I have a list of column headers that are read from a file into a List:
// Read column headers from text file
List<string> colHeads = new List<string>();
string[] lines = File.ReadAllLines("C:\\DATA\\MLData\\colHeads.txt");
string[] spl = new string[100];
foreach (string line in lines)
{
spl = line.Split('=');
colHeads.Add(spl[0].Trim());
}
I would like to then read a CSV file but only read the columns that are in the list:
// Read CSV file
string[] lines = File.ReadAllLines("C:\\DATA\\MLData\hist.csv");
string[] spl = new string[500];
foreach (string line in lines)
{
spl = line.Split(',');
var rec = new Record()
{
Name = spl[1],
ident = float.Parse(spl[4], CultureInfo.InvariantCulture.NumberFormat),
location = float.Parse(spl[5], CultureInfo.InvariantCulture.NumberFormat),
...
...
};
}
Example of colHeads.txt....
Name
ident
location
...
Example of hist.csv...
Name,yob,ident,level,location,score1
John B,1981,23,3,GB,54
There are more columns in hist.csv than colHeads.txt so I need a way to read the csv file by column name rather than column number, ignoring the columns that are not in the list.

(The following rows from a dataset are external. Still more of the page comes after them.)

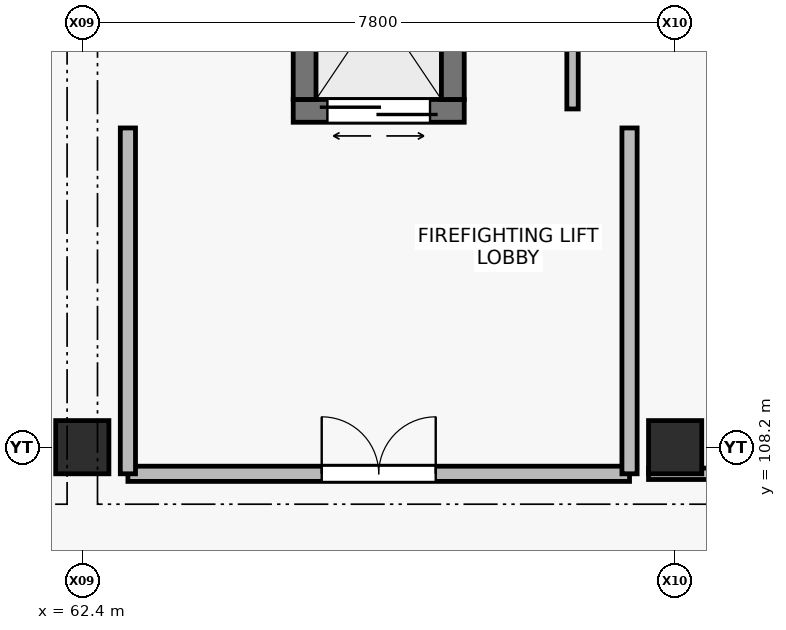
"""IFC4 building model, lengths in metres.
Left out: names, types, materials, properties, quantities, classifications, styles, units other than length and angle.
Written with IfcOpenShell. Run it as: python <this file> out.ifc"""

import sys

from ifc_helpers import new_model, si_unit, direction, frame, frame_2d, origin, origin_2d, place, context, subcontext, project, spatial, rectangle, extrude, element, fill, save


model = new_model("IFC4")
c1 = context("Model", 3, precision=1e-05, world=origin(), true_north=direction((0.0, 1.0)))
c2 = subcontext(c1, "Body", "Model", "MODEL_VIEW")
j1 = project(units=[si_unit("LENGTHUNIT", "METRE"), si_unit("PLANEANGLEUNIT", "RADIAN")], contexts=[c1])
p1 = place(None, origin())
s1 = spatial("IfcSite", under=j1, at=p1, CompositionType="ELEMENT")
p2 = place(p1, origin())
s2 = spatial("IfcBuilding", under=s1, at=p2, CompositionType="ELEMENT")
p3 = place(p2, frame((0.0, 0.0, -4.5)))
s3 = spatial("IfcBuildingStorey", under=s2, at=p3, CompositionType="ELEMENT", Elevation=-4.5)
for number, where, z_axis, x_axis in (
    (1, (62.4, 108.2, 0.0), (0.0, 0.0, 1.0), (1.0, 0.0, 0.0)),
    (2, (70.2, 108.2, 0.0), (0.0, 0.0, 1.0), (1.0, 0.0, 0.0)),
):
    element("IfcColumn", number, at=place(p3, frame(where, z_axis=z_axis, x_axis=x_axis)), inside=s3, PredefinedType="COLUMN", context=c2, shape_type="SweptSolid", body=[
        extrude(rectangle(XDim=0.7, YDim=0.7, at=origin_2d()), origin(), (0.0, 0.0, 1.0), 4.5),
    ])
p4 = place(p3, frame((65.175, 112.625, 0.0), z_axis=(0.0, 0.0, 1.0), x_axis=(1.0, 0.0, 0.0)))
e3 = element("IfcWall", 3, at=p4, inside=s3, PredefinedType="SHEAR", context=c2, shape_type="SweptSolid", body=[
    extrude(rectangle(XDim=2.25, YDim=0.3, at=frame_2d((1.125, 0.0))), origin(), (0.0, 0.0, 1.0), 4.2),
])
p5 = place(p4, frame((0.45, 0.0, 0.0)))
e4 = element("IfcOpeningElement", 4, at=p5, cuts=e3, PredefinedType="OPENING", context=c2, shape_type="SweptSolid", body=[
    extrude(rectangle(XDim=1.35, YDim=2.3, at=frame_2d((0.675, 1.15))), frame((0.0, 0.16, 0.0), z_axis=(0.0, -1.0, 0.0), x_axis=(1.0, 0.0, 0.0)), (0.0, 0.0, 1.0), 0.32),
])
for number, where, z_axis, x_axis in (
    (5, (65.325, 115.225, 0.0), (0.0, 0.0, 1.0), (0.0, -1.0, 0.0)),
    (6, (67.275, 112.775, 0.0), (0.0, 0.0, 1.0), (0.0, 1.0, 0.0)),
):
    element("IfcWall", number, at=place(p3, frame(where, z_axis=z_axis, x_axis=x_axis)), inside=s3, PredefinedType="SHEAR", context=c2, shape_type="SweptSolid", body=[
        extrude(rectangle(XDim=2.45, YDim=0.3, at=frame_2d((1.225, 0.0))), origin(), (0.0, 0.0, 1.0), 4.2),
    ])
p6 = place(p3, frame((63.0, 107.85, 0.0), z_axis=(0.0, 0.0, 1.0), x_axis=(1.0, 0.0, 0.0)))
e7 = element("IfcWall", 7, at=p6, inside=s3, PredefinedType="SOLIDWALL", context=c2, shape_type="SweptSolid", body=[
    extrude(rectangle(XDim=6.6, YDim=0.2, at=frame_2d((3.3, 0.0))), origin(), (0.0, 0.0, 1.0), 3.71),
])
p7 = place(p6, frame((2.55, 0.0, 0.0)))
e8 = element("IfcOpeningElement", 8, at=p7, cuts=e7, PredefinedType="OPENING", context=c2, shape_type="SweptSolid", body=[
    extrude(rectangle(XDim=1.5, YDim=2.2, at=frame_2d((0.75, 1.1))), frame((0.0, 0.11, 0.0), z_axis=(0.0, -1.0, 0.0), x_axis=(1.0, 0.0, 0.0)), (0.0, 0.0, 1.0), 0.22),
])
for number, where, z_axis, x_axis in (
    (9, (63.0, 112.4, 0.0), (0.0, 0.0, 1.0), (0.0, -1.0, 0.0)),
    (10, (69.6, 107.85, 0.0), (0.0, 0.0, 1.0), (0.0, 1.0, 0.0)),
):
    element("IfcWall", number, at=place(p3, frame(where, z_axis=z_axis, x_axis=x_axis)), inside=s3, PredefinedType="SOLIDWALL", context=c2, shape_type="SweptSolid", body=[
        extrude(rectangle(XDim=4.55, YDim=0.2, at=frame_2d((2.275, 0.0))), origin(), (0.0, 0.0, 1.0), 4.2),
    ])
p8 = place(p3, frame((69.85, 107.85, 0.0), z_axis=(0.0, 0.0, 1.0), x_axis=(1.0, 0.0, 0.0)))
e11 = element("IfcWall", 11, at=p8, inside=s3, PredefinedType="PARTITIONING", context=c2, shape_type="SweptSolid", body=[
    extrude(rectangle(XDim=2.85, YDim=0.15, at=frame_2d((1.425, 0.0))), origin(), (0.0, 0.0, 1.0), 3.71),
])
p9 = place(p8, frame((1.377, 0.0, 0.0)))
e12 = element("IfcOpeningElement", 12, at=p9, cuts=e11, PredefinedType="OPENING", context=c2, shape_type="SweptSolid", body=[
    extrude(rectangle(XDim=0.95, YDim=2.1, at=frame_2d((0.475, 1.05))), frame((0.0, 0.085, 0.0), z_axis=(0.0, -1.0, 0.0), x_axis=(1.0, 0.0, 0.0)), (0.0, 0.0, 1.0), 0.17),
])
p10 = place(p3, frame((68.85, 112.65, 0.0), z_axis=(0.0, 0.0, 1.0), x_axis=(0.0, 1.0, 0.0)))
e13 = element("IfcWall", 13, at=p10, inside=s3, PredefinedType="PARTITIONING", context=c2, shape_type="SweptSolid", body=[
    extrude(rectangle(XDim=3.1, YDim=0.15, at=frame_2d((1.55, 0.0))), origin(), (0.0, 0.0, 1.0), 4.2),
])
p11 = place(p5, origin())
e14 = element("IfcDoor", 14, at=p11, inside=s3, OperationType="DOUBLE_DOOR_SLIDING", PredefinedType="DOOR", context=c2, shape_type="SweptSolid", body=[
    extrude(rectangle(XDim=1.35, YDim=2.3, at=frame_2d((0.675, 1.15))), frame((0.0, 0.025, 0.0), z_axis=(0.0, -1.0, 0.0), x_axis=(1.0, 0.0, 0.0)), (0.0, 0.0, 1.0), 0.05),
])
fill(e4, e14)
p12 = place(p7, origin())
e15 = element("IfcDoor", 15, at=p12, inside=s3, OperationType="DOUBLE_DOOR_SINGLE_SWING", PredefinedType="DOOR", context=c2, shape_type="SweptSolid", body=[
    extrude(rectangle(XDim=1.5, YDim=2.2, at=frame_2d((0.75, 1.1))), frame((0.0, 0.025, 0.0), z_axis=(0.0, -1.0, 0.0), x_axis=(1.0, 0.0, 0.0)), (0.0, 0.0, 1.0), 0.05),
])
fill(e8, e15)
save(model, sys.argv[1])

The variables I'm assigning to match the column names exactly.
CodePudding user response:
Assuming that colHeads
contains a list of header names, you can try something like this.
location = colHeads.Contains("location") ? float.Parse(spl[5], CultureInfo.InvariantCulture.NumberFormat) : 0
If the set of available columns are always the same, and you just want to change the columns you read, this will probably work fine for basic use.
CodePudding user response:
var colHeads = File.ReadLines("colHeads.txt").ToHashSet();
var lines = File.ReadLines("hist.csv");
var headers = lines.First().Split(',');
var indexes = new Dictionary<string, int>();
var records = new List<Record>();
for (int i = 0; i < headers.Length; i )
{
indexes[headers[i]] = colHeads.Contains(headers[i]) ? i : -1;
}
int nameIndex = indexes[nameof(Record.Name)];
int identIndex = indexes[nameof(Record.ident)];
int locationIndex = indexes[nameof(Record.location)];
//...
foreach (var line in lines.Skip(1))
{
var values = line.Split(',');
var record = new Record();
records.Add(record);
if (nameIndex >= 0) record.Name = values[nameIndex];
if (identIndex >= 0) record.ident = float.Parse(values[identIndex]);
if (locationIndex >= 0) record.location = values[locationIndex];
//...
}
First we read the header from the hist.csv file and assign indexes.
Next, using these indexes, we set the properties of the record.